Identifying the Interests on Each Issue

Interests are what each party obtains from solving the problem, their concerns in doing it, and the parameters that they set for the solution. They share their interests with each other by listing them on the flip chart. The parties will be better able to find solutions after they have made their interests known to each other. They will be able to find solutions more successfully, because they have shared their needs and their limitations.

Developing a List of Options for Each Issue

Using brainstorming techniques, the parties offer possible solutions to each issue. The facilitator goes around the room permitting each person to offer ideas until they run out of suggestions. All suggestions are accepted and listed without comment.

Identifying the Acceptable Option

Each option is measured against the list of standards. The measuring method varies with each group. The option that meets most of the standards may be the acceptable solution. Sometimes the parties may find the acceptable solution intuitively, because they understand each other after having shared their standards, interests and concerns earlier. The parties should be free to adopt any method that works for them.
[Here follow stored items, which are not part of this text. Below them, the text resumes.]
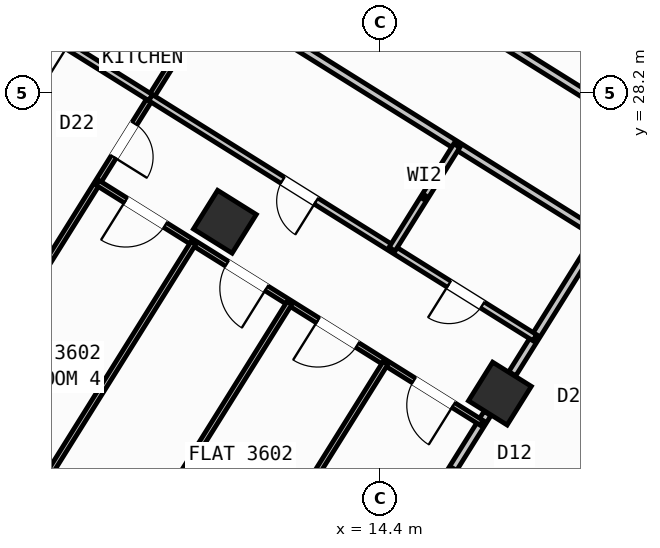
"""IFC4 building model, lengths in metres.
Left out: names, types, materials, properties, quantities, classifications, styles, units other than length and angle.
Written with IfcOpenShell. Run it as: python <this file> out.ifc"""

import sys

from ifc_helpers import new_model, si_unit, direction, frame, frame_2d, origin, origin_2d, place, context, subcontext, project, spatial, rectangle, hollow_rectangle, extrude, source, transform, mapped, element, fill, save


model = new_model("IFC4")
c1 = context("Model", 3, precision=1e-05, world=origin(), true_north=direction((0.0, 1.0)))
c2 = subcontext(c1, "Body", "Model", "MODEL_VIEW")
j1 = project(units=[si_unit("LENGTHUNIT", "METRE"), si_unit("PLANEANGLEUNIT", "RADIAN")], contexts=[c1])
p1 = place(None, origin())
s1 = spatial("IfcSite", under=j1, at=p1, CompositionType="ELEMENT")
p2 = place(p1, origin())
s2 = spatial("IfcBuilding", under=s1, at=p2, CompositionType="ELEMENT")
p3 = place(p2, frame((0.0, 0.0, 144.3)))
s3 = spatial("IfcBuildingStorey", under=s2, at=p3, CompositionType="ELEMENT", Elevation=144.3)
m1 = source(origin(), c2, "Body", "SweptSolid", [
    extrude(hollow_rectangle(XDim=0.9, YDim=0.9, WallThickness=0.036, at=origin_2d()), origin(), (0.0, 0.0, 1.0), 3.6),
])
for number, where, z_axis, x_axis in (
    (1, (16.764, 22.261, 0.0), (0.0, 0.0, 1.0), (-0.848, 0.53, 0.0)),
    (2, (11.336, 25.653, 0.0), (0.0, 0.0, 1.0), (-0.848, 0.53, 0.0)),
):
    element("IfcColumn", number, at=place(p3, frame(where, z_axis=z_axis, x_axis=x_axis)), inside=s3, PredefinedType="COLUMN", context=c2, shape_type="MappedRepresentation", body=[
        mapped(m1, transform((0.0, 0.0, 0.0), scale=1.0)),
    ])
p4 = place(p3, frame((29.268, 6.429, 0.0), z_axis=(0.0, 0.0, 1.0), x_axis=(-0.848049971435, 0.529916263149, 0.0)))
e3 = element("IfcWall", 3, at=p4, inside=s3, PredefinedType="STANDARD", context=c2, shape_type="SweptSolid", body=[
    extrude(rectangle(XDim=31.588, YDim=0.32, at=frame_2d((15.794, 0.0))), origin(), (0.0, 0.0, 1.0), 3.35),
])
p5 = place(p4, frame((16.362, 0.0, 0.0)))
e4 = element("IfcOpeningElement", 4, at=p5, cuts=e3, PredefinedType="OPENING", context=c2, shape_type="SweptSolid", body=[
    extrude(rectangle(XDim=1.2, YDim=2.15, at=frame_2d((0.6, 1.075))), frame((0.0, 0.17, 0.0), z_axis=(0.0, -1.0, 0.0), x_axis=(1.0, 0.0, 0.0)), (0.0, 0.0, 1.0), 0.34),
])
p6 = place(p4, frame((2.989, 0.0, 0.8)))
e5 = element("IfcOpeningElement", 5, at=p6, cuts=e3, PredefinedType="OPENING", context=c2, shape_type="SweptSolid", body=[
    extrude(rectangle(XDim=2.1, YDim=1.55, at=frame_2d((1.05, 0.775))), frame((0.0, 0.17, 0.0), z_axis=(0.0, -1.0, 0.0), x_axis=(1.0, 0.0, 0.0)), (0.0, 0.0, 1.0), 0.34),
])
p7 = place(p4, frame((8.359, 0.0, 0.8)))
e6 = element("IfcOpeningElement", 6, at=p7, cuts=e3, PredefinedType="OPENING", context=c2, shape_type="SweptSolid", body=[
    extrude(rectangle(XDim=2.1, YDim=1.55, at=frame_2d((1.05, 0.775))), frame((0.0, 0.17, 0.0), z_axis=(0.0, -1.0, 0.0), x_axis=(1.0, 0.0, 0.0)), (0.0, 0.0, 1.0), 0.34),
])
p8 = place(p4, frame((13.284, 0.0, 0.95)))
e7 = element("IfcOpeningElement", 7, at=p8, cuts=e3, PredefinedType="OPENING", context=c2, shape_type="SweptSolid", body=[
    extrude(rectangle(XDim=1.2, YDim=1.4, at=frame_2d((0.6, 0.7))), frame((0.0, 0.17, 0.0), z_axis=(0.0, -1.0, 0.0), x_axis=(1.0, 0.0, 0.0)), (0.0, 0.0, 1.0), 0.34),
])
p9 = place(p4, frame((29.188, 0.0, 0.95)))
e8 = element("IfcOpeningElement", 8, at=p9, cuts=e3, PredefinedType="OPENING", context=c2, shape_type="SweptSolid", body=[
    extrude(rectangle(XDim=1.2, YDim=1.4, at=frame_2d((0.6, 0.7))), frame((0.0, 0.17, 0.0), z_axis=(0.0, -1.0, 0.0), x_axis=(1.0, 0.0, 0.0)), (0.0, 0.0, 1.0), 0.34),
])
p10 = place(p4, frame((19.674, 0.0, 1.0)))
e9 = element("IfcOpeningElement", 9, at=p10, cuts=e3, PredefinedType="OPENING", context=c2, shape_type="SweptSolid", body=[
    extrude(rectangle(XDim=0.9, YDim=1.25, at=frame_2d((0.45, 0.625))), frame((0.0, 0.17, 0.0), z_axis=(0.0, -1.0, 0.0), x_axis=(1.0, 0.0, 0.0)), (0.0, 0.0, 1.0), 0.34),
])
p11 = place(p4, frame((21.896, 0.0, 1.0)))
e10 = element("IfcOpeningElement", 10, at=p11, cuts=e3, PredefinedType="OPENING", context=c2, shape_type="SweptSolid", body=[
    extrude(rectangle(XDim=0.9, YDim=1.25, at=frame_2d((0.45, 0.625))), frame((0.0, 0.17, 0.0), z_axis=(0.0, -1.0, 0.0), x_axis=(1.0, 0.0, 0.0)), (0.0, 0.0, 1.0), 0.34),
])
p12 = place(p4, frame((24.106, 0.0, 1.0)))
e11 = element("IfcOpeningElement", 11, at=p12, cuts=e3, PredefinedType="OPENING", context=c2, shape_type="SweptSolid", body=[
    extrude(rectangle(XDim=0.65, YDim=1.15, at=frame_2d((0.325, 0.575))), frame((0.0, 0.17, 0.0), z_axis=(0.0, -1.0, 0.0), x_axis=(1.0, 0.0, 0.0)), (0.0, 0.0, 1.0), 0.34),
])
p13 = place(p4, frame((26.366, 0.0, 1.0)))
e12 = element("IfcOpeningElement", 12, at=p13, cuts=e3, PredefinedType="OPENING", context=c2, shape_type="SweptSolid", body=[
    extrude(rectangle(XDim=0.9, YDim=1.25, at=frame_2d((0.45, 0.625))), frame((0.0, 0.17, 0.0), z_axis=(0.0, -1.0, 0.0), x_axis=(1.0, 0.0, 0.0)), (0.0, 0.0, 1.0), 0.34),
])
p14 = place(p3, frame((2.415, 23.452, 0.0), z_axis=(0.0, 0.0, 1.0), x_axis=(0.52991049553, 0.848053575387, 0.0)))
e13 = element("IfcWall", 13, at=p14, inside=s3, PredefinedType="STANDARD", context=c2, shape_type="SweptSolid", body=[
    extrude(rectangle(XDim=21.587, YDim=0.32, at=frame_2d((10.794, 0.0))), origin(), (0.0, 0.0, 1.0), 2.775),
])
p15 = place(p14, frame((2.356, 0.0, 0.8)))
e14 = element("IfcOpeningElement", 14, at=p15, cuts=e13, PredefinedType="OPENING", context=c2, shape_type="SweptSolid", body=[
    extrude(rectangle(XDim=2.1, YDim=1.55, at=frame_2d((1.05, 0.775))), frame((0.0, 0.17, 0.0), z_axis=(0.0, -1.0, 0.0), x_axis=(1.0, 0.0, 0.0)), (0.0, 0.0, 1.0), 0.34),
])
p16 = place(p14, frame((8.639, 0.0, 1.0)))
e15 = element("IfcOpeningElement", 15, at=p16, cuts=e13, PredefinedType="OPENING", context=c2, shape_type="SweptSolid", body=[
    extrude(rectangle(XDim=0.9, YDim=1.25, at=frame_2d((0.45, 0.625))), frame((0.0, 0.17, 0.0), z_axis=(0.0, -1.0, 0.0), x_axis=(1.0, 0.0, 0.0)), (0.0, 0.0, 1.0), 0.34),
])
p17 = place(p14, frame((17.744, 0.0, 0.85)))
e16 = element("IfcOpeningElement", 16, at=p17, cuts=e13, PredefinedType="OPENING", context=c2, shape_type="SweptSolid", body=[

Accepting an Option as a Tentative Agreement

The accepted option is written as a tentative agreement, either in concept or in final contract form, and signed by the parties. All tentative agreements are set aside until all issues are completed before they are presented for ratification. Sometimes, the parties may not reach agreement on some issues. Those should be set aside to be discussed later. If they remain unresolved, only those issues will be submitted to the traditional impasse procedures. The agreed issues will remain as tentative agreements as in traditional negotiations. As each issue is resolved, it is crossed off the posted list, and the parties move on to the next issue until all are resolved.

Skills Needed

There are no special skills or characteristics needed that are exclusive to IBB. Skills such as strong advocacy, experience, creativity, verbal skills, and ability to take risks will help the process. The participants must never forget that they are representatives of their constituents, and that the tentative agreements must be accepted by their members. Strong advocates usually can anticipate their members' needs. Creativity is one of the primary characteristics of good negotiators, no matter what process they use. It is essential for IBB, because innovation distinguishes it from traditional bargaining. The teams also should have some risk takers who can consider non-traditional solutions to collective bargaining problems. Creative risk takers who are strong advocates are ideal IBB participants. Good verbal skills are also essential. Those who can express themselves clearly and effectively enhance the process. Experience in negotiations is helpful but it is not critical for all team members to be experienced.